As palavras não saem porque também não entram. Não se pode falar da morte em que não se acredita. Tem uma verdade doida lá fora tentando entrar e eu tenho medo, embora saiba que ela não me fará mal. As palavras são desnecessárias e nenhuma explicação é possível. Basta olhar e está lá: "é a vida", mas sem estas letras todas juntas. A separar, a não crer no que os olhos vêem, a não ouvir, a calar, a morte sempre ensina, pacientemente. É impossível enterrar a gentileza. Também o menino não será nunca possível enterrar, nem mais é do menino o corpo que desce, nem a barba bonita, nem as veias altas, nem o semblante sereno - quase um sorriso - nada disso. Num ato gentil, este corpo todo, com todas as colheitas e marcas deixadas pelas escolhas feitas, fora dado, sem apego, de volta ao corpo do universo. Silêncio. Está acontecendo. A última aventura do menino gentil deve ser saboreada. A dor sabe a sal a mais e a lembrança é doce e suculenta, mas às vezes é demais e faz engasgar. Devagar. As palavras devem ser poucas e não repetidas, para não perderem o sentido. Tudo deve estar em seu exato lugar. O menino e a gentileza estarão, sempre e ainda, a aguardar. Reinando como a frase que não nos cabe falar nem ouvir: "é a vida". A vida está. Há que saber ver, sem ver. Silêncio, para que haja encontro. O menino sempre fica. Silêncio, para compreender.
Você não me conhece. Eu sou um cachorro por dentro. Eu sou muito mais que isso, muito mais que o que pode ver. Em minha alma mora um bicho que não reconhece as palavras e nunca teve um nome. Você não sabe quem eu sou ou onde eu já estive. Sete vezes mais velho que eu, sete vezes mais faminto, sete vezes mais desperto este cão minha alma toda habita. Você não pode compreender os lugares onde minha alma passeia. Sem recompensa que o recompense e sem castigo que o castigue o cão desconhece o poder esmagador do se. Você não sabe. Não há condição que o condicione. Você nunca me viu além da superfície que eu mesma nunca enxerguei. Ele não se lastima e não uiva à espera. Não é macho e nem fêmea. Você não compreende. O cão dentro de mim é um animal inteiro.

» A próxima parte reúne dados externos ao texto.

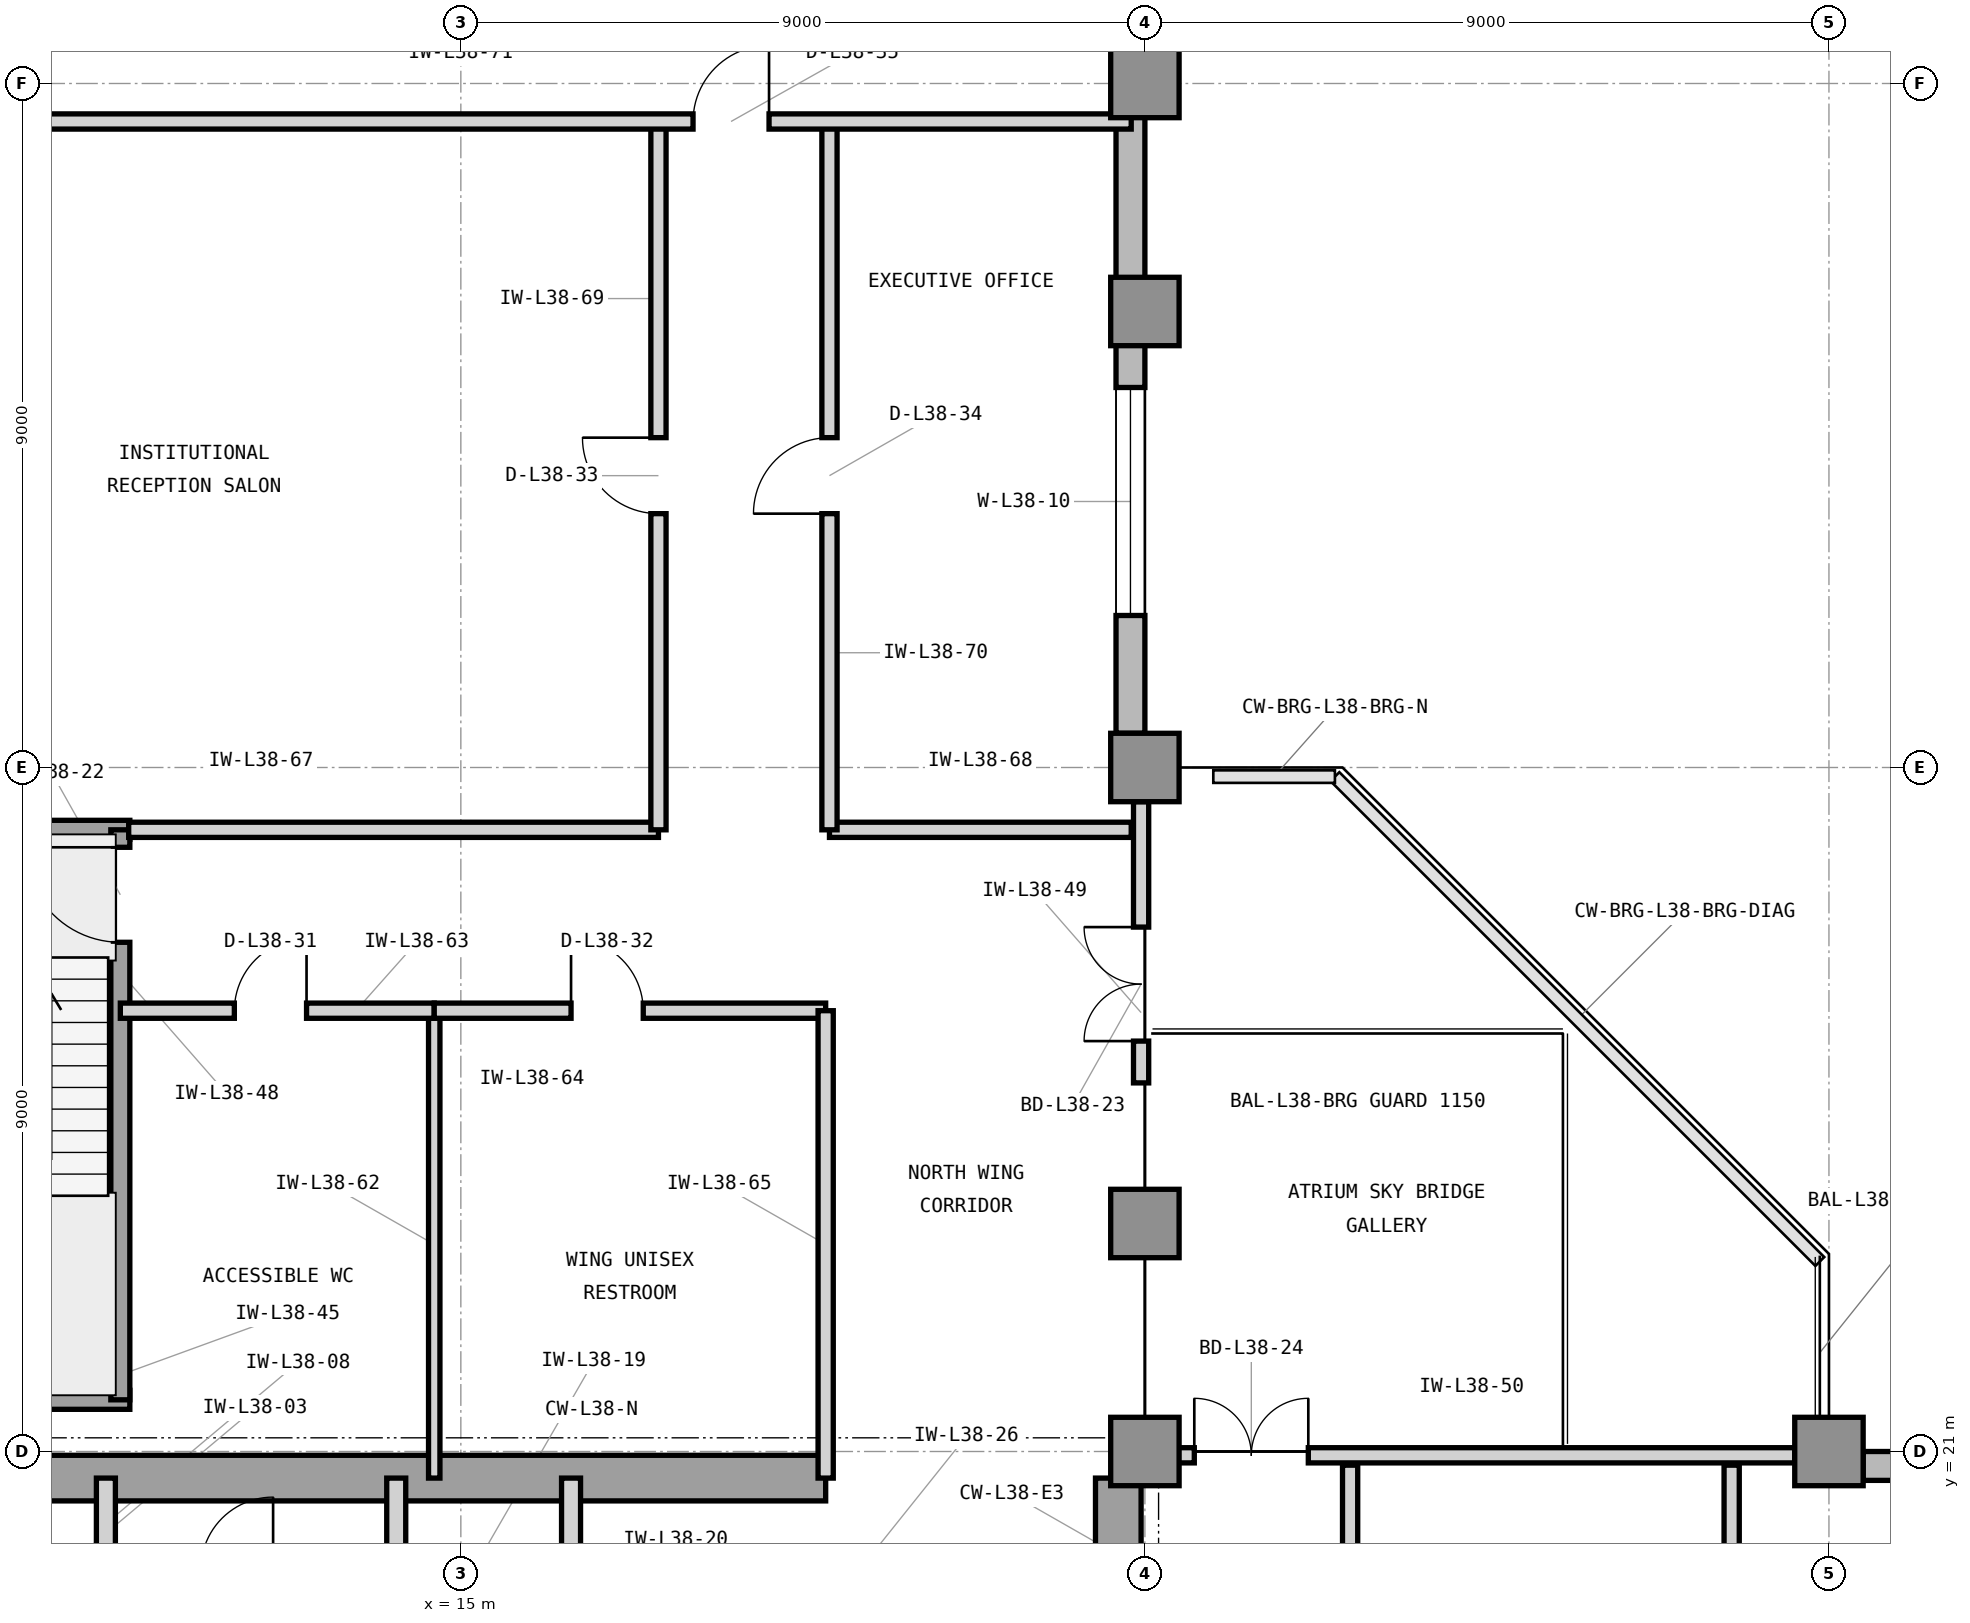
"""IFC4 building model, lengths in metres.
Left out: names, types, materials, properties, quantities, classifications, styles, units other than length and angle.
Written with IfcOpenShell. Run it as: python <this file> out.ifc"""

import sys

from ifc_helpers import new_model, si_unit, direction, frame, frame_2d, origin, origin_2d, place, context, subcontext, project, spatial, rectangle, extrude, element, fill, save


model = new_model("IFC4")
c1 = context("Model", 3, precision=1e-05, world=origin(), true_north=direction((0.0, 1.0)))
c2 = subcontext(c1, "Body", "Model", "MODEL_VIEW")
j1 = project(units=[si_unit("LENGTHUNIT", "METRE"), si_unit("PLANEANGLEUNIT", "RADIAN")], contexts=[c1])
p1 = place(None, origin())
s1 = spatial("IfcSite", under=j1, at=p1, CompositionType="ELEMENT")
p2 = place(p1, origin())
s2 = spatial("IfcBuilding", under=s1, at=p2, CompositionType="ELEMENT")
p3 = place(p2, frame((0.0, 0.0, 160.2)))
s3 = spatial("IfcBuildingStorey", under=s2, at=p3, CompositionType="ELEMENT", Elevation=160.2)
p4 = place(p3, frame((7.475, 20.65, 0.0), z_axis=(0.0, 0.0, 1.0), x_axis=(1.0, 0.0, 0.0)))
e1 = element("IfcWall", 1, at=p4, inside=s3, PredefinedType="SHEAR", context=c2, shape_type="SweptSolid", body=[
    extrude(rectangle(XDim=12.325, YDim=0.6, at=frame_2d((6.163, 0.0))), origin(), (0.0, 0.0, 1.0), 4.2),
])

cordas. cordas muito mais grossas do que compridas. postes de cimento suportando as cordas de navio que suportam pessoas dependuradas pela dobra dos joelhos, como roupas no varal. o público assiste, há interesse. de repente, um vento forte. um par de joelhos se desdobra e um ator cai no chão, pum, de cabeça. há sangue. vem uma criança. uma menina de um seis anos arrasta o corpo descomposto até um pequeno tanque de brinquedo. dali ela tira uma água preta com que começa a tingir a cabeça do homem. tira-lhe, então, a roupa toda, para não sujar, dobra e guarda num armário ao fundo do palco. a menina volta e continua a tingir o homem nu, até tingi-lo todo. o público espera. enquanto isso, quase imperceptivelmente, os dependurados vão escorregando e uma a um, caem, pum... pum... pum, de cabeça no chão. a menina simplesmente não os nota e do bolso menor da mochilinha que traz às costas, tira um vidro de purpurina dourada finíssima e põe-se a decorar o homem, cuidadosamente: os dedões redondos dos pés, os dedões redondos das mãos e a ponta fina do nariz. neste momento, ao fundo, a cortina une-se ao armário, formando uma vela forte. vem um tufão e leva, num instante, o armário para onde não mais se o vê, ao mesmo tempo em que varre os caídos, forçando-os a mudar de posição. ouve-se um grito contínuo e desproporcional, como um sonho. não se sabe se ele vem da boca fechada da menina ou lá detrás, das coxias. o público perde a paciência e desiste. a criança percebe-se observada e cora.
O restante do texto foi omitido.